What should my grandkids know about me?
May 31, 2016
We were sitting in the sun room of my son's home in St. Louis when he and my daughter-in-law gave me a special Father's Day present last year. It was a small book that asked me a long list of questions about myself from the time I was a small child to my life as a husband and a dad. The goal is to fill it out and then transfer the answers to a computer app to make a special book.
I've delayed filling out the book for the past year. It got tucked behind other books on my shelf. I've finally dug it out and want to start sharing about myself with my now almost two-year-old grandson and our four other grandchildren.
As I get ready to make the turn to being 70-years-old, I find my memory about things in the past getting fuzzier. Now's the time to start sharing with those who carry some of my genes, three grandsons and two granddaughters.
One of the questions asks:
What were two major news events of your life? How did you feel about them? What influence did they have on you?

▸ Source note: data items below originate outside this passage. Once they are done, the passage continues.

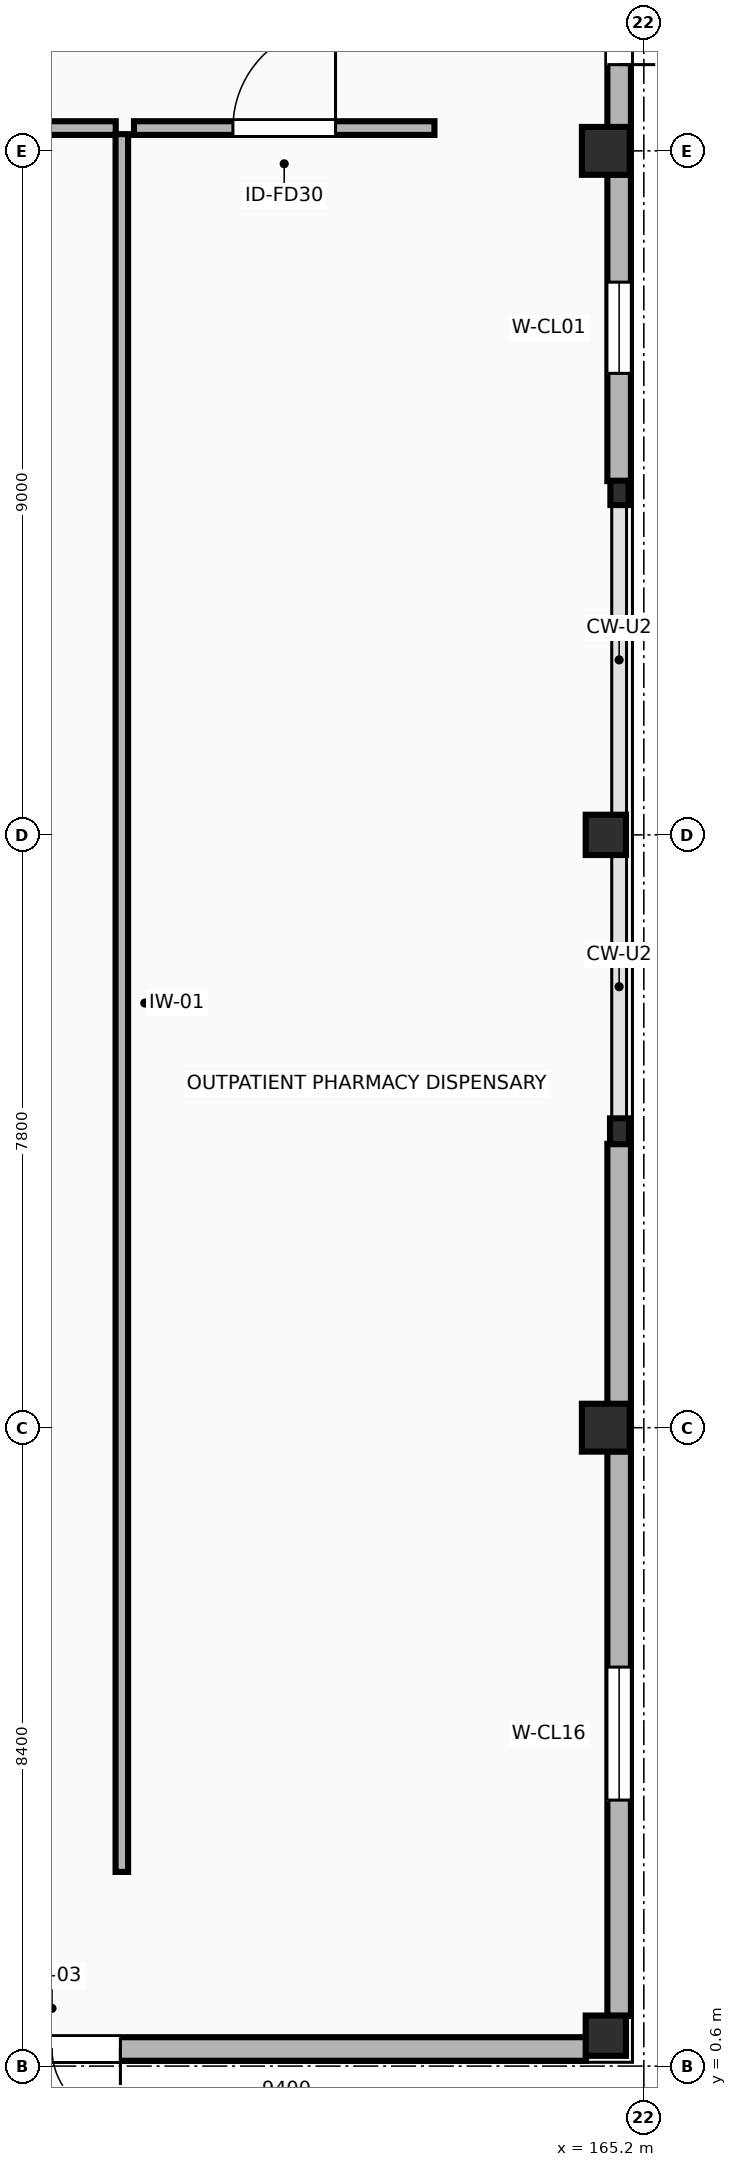
"""IFC4 building model, lengths in metres.
Left out: names, types, materials, properties, quantities, classifications, styles, units other than length and angle.
Written with IfcOpenShell. Run it as: python <this file> out.ifc"""

import sys

from ifc_helpers import new_model, si_unit, direction, frame, frame_2d, origin, origin_2d, place, context, subcontext, project, spatial, rectangle, extrude, element, fill, save


model = new_model("IFC4")
c1 = context("Model", 3, precision=1e-05, world=origin(), true_north=direction((0.0, 1.0)))
c2 = subcontext(c1, "Body", "Model", "MODEL_VIEW")
j1 = project(units=[si_unit("LENGTHUNIT", "METRE"), si_unit("PLANEANGLEUNIT", "RADIAN")], contexts=[c1])
p1 = place(None, origin())
s1 = spatial("IfcSite", under=j1, at=p1, CompositionType="ELEMENT")
p2 = place(p1, origin())
s2 = spatial("IfcBuilding", under=s1, at=p2, CompositionType="ELEMENT")
p3 = place(p2, origin())
s3 = spatial("IfcBuildingStorey", under=s2, at=p3, CompositionType="ELEMENT", Elevation=0.0)
p4 = place(p3, frame((164.7, 1.0, -1.75), z_axis=(0.0, 0.0, 1.0), x_axis=(1.0, 0.0, 0.0)))
e1 = element("IfcColumn", 1, at=p4, inside=s3, PredefinedType="COLUMN", context=c2, shape_type="SweptSolid", body=[
    extrude(rectangle(XDim=0.53, YDim=0.53, at=origin_2d()), origin(), (0.0, 0.0, 1.0), 7.15),
])
p5 = place(p3, frame((164.7, 9.0, -1.75), z_axis=(0.0, 0.0, 1.0), x_axis=(1.0, 0.0, 0.0)))
e2 = element("IfcColumn", 2, at=p5, inside=s3, PredefinedType="COLUMN", context=c2, shape_type="SweptSolid", body=[
    extrude(rectangle(XDim=0.63, YDim=0.63, at=origin_2d()), origin(), (0.0, 0.0, 1.0), 7.15),
])
p6 = place(p3, frame((164.7, 16.8, 0.0), z_axis=(0.0, 0.0, 1.0), x_axis=(1.0, 0.0, 0.0)))
e3 = element("IfcColumn", 3, at=p6, inside=s3, PredefinedType="COLUMN", context=c2, shape_type="SweptSolid", body=[
    extrude(rectangle(XDim=0.53, YDim=0.53, at=origin_2d()), origin(), (0.0, 0.0, 1.0), 5.4),
])
p7 = place(p3, frame((164.7, 25.8, 0.0), z_axis=(0.0, 0.0, 1.0), x_axis=(1.0, 0.0, 0.0)))
e4 = element("IfcColumn", 4, at=p7, inside=s3, PredefinedType="COLUMN", context=c2, shape_type="SweptSolid", body=[
    extrude(rectangle(XDim=0.63, YDim=0.63, at=origin_2d()), origin(), (0.0, 0.0, 1.0), 5.4),
])
p8 = place(p3, frame((164.88, 12.9, -1.75), z_axis=(0.0, 0.0, 1.0), x_axis=(1.0, 0.0, 0.0)))
e5 = element("IfcColumn", 5, at=p8, inside=s3, PredefinedType="PILASTER", context=c2, shape_type="SweptSolid", body=[
    extrude(rectangle(XDim=0.25, YDim=0.34, at=origin_2d()), origin(), (0.0, 0.0, 1.0), 7.15),
])
p9 = place(p3, frame((164.88, 21.3, -1.75), z_axis=(0.0, 0.0, 1.0), x_axis=(1.0, 0.0, 0.0)))
e6 = element("IfcColumn", 6, at=p9, inside=s3, PredefinedType="PILASTER", context=c2, shape_type="SweptSolid", body=[
    extrude(rectangle(XDim=0.24, YDim=0.32, at=origin_2d()), origin(), (0.0, 0.0, 1.0), 7.15),
])
p10 = place(p3, frame((156.085, 0.825, 0.0), z_axis=(0.0, 0.0, 1.0), x_axis=(1.0, 0.0, 0.0)))
e7 = element("IfcWall", 7, at=p10, inside=s3, PredefinedType="STANDARD", context=c2, shape_type="SweptSolid", body=[
    extrude(rectangle(XDim=8.355, YDim=0.31, at=frame_2d((4.177, 0.0))), origin(), (0.0, 0.0, 1.0), 4.42),
])
p11 = place(p10, frame((0.428, 0.0, 0.0)))
e8 = element("IfcOpeningElement", 8, at=p11, cuts=e7, PredefinedType="OPENING", context=c2, shape_type="SweptSolid", body=[
    extrude(rectangle(XDim=1.8, YDim=2.3, at=frame_2d((0.9, 1.15))), frame((0.0, 0.165, 0.0), z_axis=(0.0, -1.0, 0.0), x_axis=(1.0, 0.0, 0.0)), (0.0, 0.0, 1.0), 0.33),
])
p12 = place(p3, frame((164.875, 1.26, 0.0), z_axis=(0.0, 0.0, 1.0), x_axis=(0.0, 1.0, 0.0)))
e9 = element("IfcWall", 9, at=p12, inside=s3, PredefinedType="STANDARD", context=c2, shape_type="SweptSolid", body=[
    extrude(rectangle(XDim=7.43, YDim=0.31, at=frame_2d((3.715, 0.0))), origin(), (0.0, 0.0, 1.0), 4.57),
])
p13 = place(p12, frame((2.84, 0.0, 0.95)))
e10 = element("IfcOpeningElement", 10, at=p13, cuts=e9, PredefinedType="OPENING", context=c2, shape_type="SweptSolid", body=[
    extrude(rectangle(XDim=1.75, YDim=1.65, at=frame_2d((0.875, 0.825))), frame((0.0, 0.165, 0.0), z_axis=(0.0, -1.0, 0.0), x_axis=(1.0, 0.0, 0.0)), (0.0, 0.0, 1.0), 0.33),
])
p14 = place(p3, frame((164.875, 9.31, 0.0), z_axis=(0.0, 0.0, 1.0), x_axis=(0.0, 1.0, 0.0)))
e11 = element("IfcWall", 11, at=p14, inside=s3, PredefinedType="STANDARD", context=c2, shape_type="SweptSolid", body=[
    extrude(rectangle(XDim=3.425, YDim=0.31, at=frame_2d((1.712, 0.0))), origin(), (0.0, 0.0, 1.0), 4.57),
])
p15 = place(p3, frame((164.875, 21.455, 0.0), z_axis=(0.0, 0.0, 1.0), x_axis=(0.0, 1.0, 0.0)))
e12 = element("IfcWall", 12, at=p15, inside=s3, PredefinedType="STANDARD", context=c2, shape_type="SweptSolid", body=[
    extrude(rectangle(XDim=4.035, YDim=0.31, at=frame_2d((2.018, 0.0))), origin(), (0.0, 0.0, 1.0), 4.57),
])
p16 = place(p15, frame((1.417, 0.0, 0.95)))
e13 = element("IfcOpeningElement", 13, at=p16, cuts=e12, PredefinedType="OPENING", context=c2, shape_type="SweptSolid", body=[
    extrude(rectangle(XDim=1.2, YDim=1.5, at=frame_2d((0.6, 0.75))), frame((0.0, 0.165, 0.0), z_axis=(0.0, -1.0, 0.0), x_axis=(1.0, 0.0, 0.0)), (0.0, 0.0, 1.0), 0.33),
])
p17 = place(p3, frame((164.875, 26.11, 0.0), z_axis=(0.0, 0.0, 1.0), x_axis=(0.0, 1.0, 0.0)))
e14 = element("IfcWall", 14, at=p17, inside=s3, PredefinedType="STANDARD", context=c2, shape_type="SweptSolid", body=[
    extrude(rectangle(XDim=8.23, YDim=0.31, at=frame_2d((4.115, 0.0))), origin(), (0.0, 0.0, 1.0), 4.57),
])
p18 = place(p17, frame((0.825, 0.0, 0.0)))
e15 = element("IfcOpeningElement", 15, at=p18, cuts=e14, PredefinedType="OPENING", context=c2, shape_type="SweptSolid", body=[
    extrude(rectangle(XDim=2.0, YDim=2.4, at=frame_2d((1.0, 1.2))), frame((0.0, 0.165, 0.0), z_axis=(0.0, -1.0, 0.0), x_axis=(1.0, 0.0, 0.0)), (0.0, 0.0, 1.0), 0.33),
])
p19 = place(p3, frame((152.174, 26.1, 0.0), z_axis=(0.0, 0.0, 1.0), x_axis=(1.0, 0.0, 0.0)))
e16 = element("IfcWall", 16, at=p19, inside=s3, PredefinedType="PARTITIONING", context=c2, shape_type="SweptSolid", body=[
    extrude(rectangle(XDim=6.078, YDim=0.18, at=frame_2d((3.039, 0.0))), origin(), (0.0, 0.0, 1.0), 4.435),
])
p20 = place(p19, frame((1.629, 0.0, 0.0)))
e17 = element("IfcOpeningElement", 17, at=p20, cuts=e16, PredefinedType="OPENING", context=c2, shape_type="SweptSolid", body=[
    extrude(rectangle(XDim=1.32, YDim=2.22, at=frame_2d((0.66, 1.11))), frame((0.0, 0.1, 0.0), z_axis=(0.0, -1.0, 0.0), x_axis=(1.0, 0.0, 0.0)), (0.0, 0.0, 1.0), 0.2),
])
p21 = place(p3, frame((158.332, 26.02, 0.0), z_axis=(0.0, 0.0, 1.0), x_axis=(0.0, -1.0, 0.0)))
e18 = element("IfcWall", 18, at=p21, inside=s3, PredefinedType="PARTITIONING", context=c2, shape_type="SweptSolid", body=[
    extrude(rectangle(XDim=22.865, YDim=0.165, at=frame_2d((11.433, 0.0))), origin(), (0.0, 0.0, 1.0), 4.759),
])
p22 = place(p3, frame((158.492, 26.1, 0.0), z_axis=(0.0, 0.0, 1.0), x_axis=(1.0, 0.0, 0.0)))
e19 = element("IfcWall", 19, at=p22, inside=s3, PredefinedType="PARTITIONING", context=c2, shape_type="SweptSolid", body=[
    extrude(rectangle(XDim=3.953, YDim=0.18, at=frame_2d((1.977, 0.0))), origin(), (0.0, 0.0, 1.0), 4.46),
])
p23 = place(p22, frame((1.302, 0.0, 0.0)))
e20 = element("IfcOpeningElement", 20, at=p23, cuts=e19, PredefinedType="OPENING", context=c2, shape_type="SweptSolid", body=[
    extrude(rectangle(XDim=1.35, YDim=2.2, at=frame_2d((0.675, 1.1))), frame((0.0, 0.1, 0.0), z_axis=(0.0, -1.0, 0.0), x_axis=(1.0, 0.0, 0.0)), (0.0, 0.0, 1.0), 0.2),
])
p24 = place(p11, frame((1.8, 0.0, 0.0), z_axis=(0.0, 0.0, 1.0), x_axis=(-1.0, 0.0, 0.0)))
e21 = element("IfcDoor", 21, at=p24, inside=s3, OperationType="DOUBLE_DOOR_SINGLE_SWING", PredefinedType="DOOR", context=c2, shape_type="SweptSolid", body=[
    extrude(rectangle(XDim=1.8, YDim=2.3, at=frame_2d((0.9, 1.15))), frame((0.0, 0.025, 0.0), z_axis=(0.0, -1.0, 0.0), x_axis=(1.0, 0.0, 0.0)), (0.0, 0.0, 1.0), 0.05),
])
fill(e8, e21)
p25 = place(p13, origin())
e22 = element("IfcWindow", 22, at=p25, inside=s3, PartitioningType="SINGLE_PANEL", PredefinedType="WINDOW", context=c2, shape_type="SweptSolid", body=[
    extrude(rectangle(XDim=1.75, YDim=1.65, at=frame_2d((0.875, 0.825))), frame((0.0, 0.03, 0.0), z_axis=(0.0, -1.0, 0.0), x_axis=(1.0, 0.0, 0.0)), (0.0, 0.0, 1.0), 0.06),
])
fill(e10, e22)
p26 = place(p16, origin())
e23 = element("IfcWindow", 23, at=p26, inside=s3, PartitioningType="SINGLE_PANEL", PredefinedType="WINDOW", context=c2, shape_type="SweptSolid", body=[
    extrude(rectangle(XDim=1.2, YDim=1.5, at=frame_2d((0.6, 0.75))), frame((0.0, 0.03, 0.0), z_axis=(0.0, -1.0, 0.0), x_axis=(1.0, 0.0, 0.0)), (0.0, 0.0, 1.0), 0.06),
])
fill(e13, e23)
p27 = place(p18, frame((2.0, 0.0, 0.0), z_axis=(0.0, 0.0, 1.0), x_axis=(-1.0, 0.0, 0.0)))
e24 = element("IfcDoor", 24, at=p27, inside=s3, OperationType="DOUBLE_DOOR_SINGLE_SWING", PredefinedType="DOOR", context=c2, shape_type="SweptSolid", body=[
    extrude(rectangle(XDim=2.0, YDim=2.4, at=frame_2d((1.0, 1.2))), frame((0.0, 0.025, 0.0), z_axis=(0.0, -1.0, 0.0), x_axis=(1.0, 0.0, 0.0)), (0.0, 0.0, 1.0), 0.05),
])
fill(e15, e24)
p28 = place(p23, origin())
e25 = element("IfcDoor", 25, at=p28, inside=s3, OperationType="SINGLE_SWING_RIGHT", PredefinedType="DOOR", context=c2, shape_type="SweptSolid", body=[
    extrude(rectangle(XDim=1.35, YDim=2.2, at=frame_2d((0.675, 1.1))), frame((0.0, 0.025, 0.0), z_axis=(0.0, -1.0, 0.0), x_axis=(1.0, 0.0, 0.0)), (0.0, 0.0, 1.0), 0.05),
])
fill(e20, e25)
save(model, sys.argv[1])

The answer is pretty easy. The first is the assassination of President John F. Kennedy. When it happened, I was in my high school typing class when the announcement about his murder was made over the school public address system. I remember people starting to cry. School let out and I went home.
This is long before the day of social media and cell phones. For news, we had radios and black and white television.
The second news event was the 9/11 when terrorists flew passenger jets into the twin towers in New York City and into the Pentagon in Washington, D.C. I was just walking into work when it happened. It was on the television of the office building where I worked. People were afraid. They didn't know what was happening.
I will write more. This is a start. Those two events did help shape me.